Nonetheless, I was still having a good time, and rode on towards the border, past picturesque Ha Long Bay, and, on a more personal level, some farmers burning off a hillside of undergrowth. They were most impressed by my instant noodle routine, and got me to take some photographs of them, as usual to be posted to some absolutely illegible address...

A travelling salesperson must have been through here selling Christmas carol tune bleepers - they sound like those old Christmas cards that bleep out a tune when you open them, but rather than a single tune, they are a slightly garbled medley of your favourite hits. In this area of North Vietnam, these have been fitted to streetcarts, presumably to attract your attention to the wares for sale - I am surprised that they don't drive the owners insane!

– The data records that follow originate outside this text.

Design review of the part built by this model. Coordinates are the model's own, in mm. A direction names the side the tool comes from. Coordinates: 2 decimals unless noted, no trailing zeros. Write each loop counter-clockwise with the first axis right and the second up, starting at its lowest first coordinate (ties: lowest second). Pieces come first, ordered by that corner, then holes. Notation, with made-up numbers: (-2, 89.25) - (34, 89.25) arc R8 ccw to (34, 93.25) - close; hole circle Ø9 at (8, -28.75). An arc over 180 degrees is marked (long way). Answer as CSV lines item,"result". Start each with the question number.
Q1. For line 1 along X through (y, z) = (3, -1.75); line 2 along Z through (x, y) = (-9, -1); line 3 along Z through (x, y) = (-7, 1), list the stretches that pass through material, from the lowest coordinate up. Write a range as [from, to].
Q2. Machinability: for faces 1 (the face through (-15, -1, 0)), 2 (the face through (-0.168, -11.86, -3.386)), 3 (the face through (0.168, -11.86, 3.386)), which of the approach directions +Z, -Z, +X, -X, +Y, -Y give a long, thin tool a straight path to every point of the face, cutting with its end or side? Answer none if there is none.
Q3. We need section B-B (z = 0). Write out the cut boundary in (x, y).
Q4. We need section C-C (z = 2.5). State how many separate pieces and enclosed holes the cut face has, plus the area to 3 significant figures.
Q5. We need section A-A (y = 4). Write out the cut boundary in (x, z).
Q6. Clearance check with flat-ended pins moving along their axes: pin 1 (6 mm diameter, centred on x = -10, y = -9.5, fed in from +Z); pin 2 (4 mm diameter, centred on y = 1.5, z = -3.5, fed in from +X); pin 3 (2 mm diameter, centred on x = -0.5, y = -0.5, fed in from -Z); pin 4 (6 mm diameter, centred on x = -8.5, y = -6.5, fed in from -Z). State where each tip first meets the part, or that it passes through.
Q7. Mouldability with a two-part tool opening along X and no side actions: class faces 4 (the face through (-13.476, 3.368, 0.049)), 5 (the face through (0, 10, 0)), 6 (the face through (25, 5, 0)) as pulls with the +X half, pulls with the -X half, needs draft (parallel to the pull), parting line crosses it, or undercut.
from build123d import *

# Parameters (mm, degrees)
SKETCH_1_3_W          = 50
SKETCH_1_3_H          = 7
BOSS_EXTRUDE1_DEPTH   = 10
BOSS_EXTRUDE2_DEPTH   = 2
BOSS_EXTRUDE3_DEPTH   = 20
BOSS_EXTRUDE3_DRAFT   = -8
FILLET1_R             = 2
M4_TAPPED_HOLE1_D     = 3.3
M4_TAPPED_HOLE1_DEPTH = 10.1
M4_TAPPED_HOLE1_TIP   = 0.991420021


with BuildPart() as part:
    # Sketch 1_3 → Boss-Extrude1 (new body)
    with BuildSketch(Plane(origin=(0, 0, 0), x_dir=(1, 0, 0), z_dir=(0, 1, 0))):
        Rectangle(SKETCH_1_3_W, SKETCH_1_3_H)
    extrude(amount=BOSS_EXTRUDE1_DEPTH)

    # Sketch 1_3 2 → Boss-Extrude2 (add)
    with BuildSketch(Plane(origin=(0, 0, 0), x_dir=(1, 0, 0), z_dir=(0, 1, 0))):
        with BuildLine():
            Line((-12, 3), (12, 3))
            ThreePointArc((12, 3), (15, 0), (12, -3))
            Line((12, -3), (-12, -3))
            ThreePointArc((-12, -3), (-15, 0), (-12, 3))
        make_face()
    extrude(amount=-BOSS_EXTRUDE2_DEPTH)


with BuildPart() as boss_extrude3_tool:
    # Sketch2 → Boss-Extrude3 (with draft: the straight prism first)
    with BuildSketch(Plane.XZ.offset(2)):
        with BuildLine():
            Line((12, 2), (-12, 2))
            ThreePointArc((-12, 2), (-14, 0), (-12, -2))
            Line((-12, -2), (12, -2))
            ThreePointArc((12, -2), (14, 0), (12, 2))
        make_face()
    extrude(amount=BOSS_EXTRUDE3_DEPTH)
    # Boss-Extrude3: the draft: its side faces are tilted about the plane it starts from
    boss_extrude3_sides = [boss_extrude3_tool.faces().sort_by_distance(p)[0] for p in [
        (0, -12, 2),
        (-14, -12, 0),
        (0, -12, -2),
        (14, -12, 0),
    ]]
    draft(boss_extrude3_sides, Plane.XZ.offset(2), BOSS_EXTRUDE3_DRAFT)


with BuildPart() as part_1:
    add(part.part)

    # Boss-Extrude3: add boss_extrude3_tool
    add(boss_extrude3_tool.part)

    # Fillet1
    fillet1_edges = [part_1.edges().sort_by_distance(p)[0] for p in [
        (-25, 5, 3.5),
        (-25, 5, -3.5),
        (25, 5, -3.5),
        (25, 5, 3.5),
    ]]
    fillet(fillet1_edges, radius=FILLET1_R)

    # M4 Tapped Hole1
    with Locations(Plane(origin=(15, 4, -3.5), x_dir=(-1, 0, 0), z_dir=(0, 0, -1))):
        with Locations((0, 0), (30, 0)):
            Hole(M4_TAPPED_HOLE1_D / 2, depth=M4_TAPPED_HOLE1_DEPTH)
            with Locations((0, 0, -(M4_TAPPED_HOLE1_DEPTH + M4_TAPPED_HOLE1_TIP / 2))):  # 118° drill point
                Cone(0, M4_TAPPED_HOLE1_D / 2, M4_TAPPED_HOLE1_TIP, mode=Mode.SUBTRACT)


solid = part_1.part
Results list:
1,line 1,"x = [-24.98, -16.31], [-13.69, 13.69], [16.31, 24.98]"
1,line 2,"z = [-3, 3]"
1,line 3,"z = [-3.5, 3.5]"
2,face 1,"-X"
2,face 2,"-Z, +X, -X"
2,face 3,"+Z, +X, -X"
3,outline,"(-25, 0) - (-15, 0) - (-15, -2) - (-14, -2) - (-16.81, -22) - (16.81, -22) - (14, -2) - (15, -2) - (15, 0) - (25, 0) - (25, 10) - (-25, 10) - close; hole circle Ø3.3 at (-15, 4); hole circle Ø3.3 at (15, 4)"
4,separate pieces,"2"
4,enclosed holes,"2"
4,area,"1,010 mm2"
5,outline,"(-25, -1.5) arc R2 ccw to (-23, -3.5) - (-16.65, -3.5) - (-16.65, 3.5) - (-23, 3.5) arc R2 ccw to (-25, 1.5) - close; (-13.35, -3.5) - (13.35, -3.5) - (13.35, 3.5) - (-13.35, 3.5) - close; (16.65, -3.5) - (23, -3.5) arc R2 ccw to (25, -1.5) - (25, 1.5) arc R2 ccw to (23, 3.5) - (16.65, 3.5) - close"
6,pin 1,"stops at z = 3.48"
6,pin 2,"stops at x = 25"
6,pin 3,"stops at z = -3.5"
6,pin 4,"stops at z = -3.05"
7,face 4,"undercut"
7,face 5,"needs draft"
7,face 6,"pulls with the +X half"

Not to be outdone, some truck drivers have replaced their reverse beeper with these things, so they can reverse to the tune of Jingle Bells!

Internet cafe's seem more prolific in this part of the world than places to eat, and cost the equivalent of 25c an hour or less. The connection speed and reliability tends to be somewhat flaky, however, and I can do without the local custom of being surrounded by cute kids (or adults) all staring intently at what I'm doing. Regardless of whether they can understand or not, to my Western norms it feels quite invasive.

I found myself that night about 8km south of the Chinese border, with enough Vietnamese money for a hotel and Internet, but not for a meal. I wasn't unhappy with that predicament, however, as my stomach gazed with renewed distrust at the local food offerings, despite one friendly local physically dragging me into his establishment of choice for a drink - they lost interest only when I showed them the sad state of my wallet.

After some Pam's meusli bars, I went to sleep, deciding to delay changing the remainder of my US Dollars into Vietnamese Dong just in case I was allowed through the Chinese border the following morning.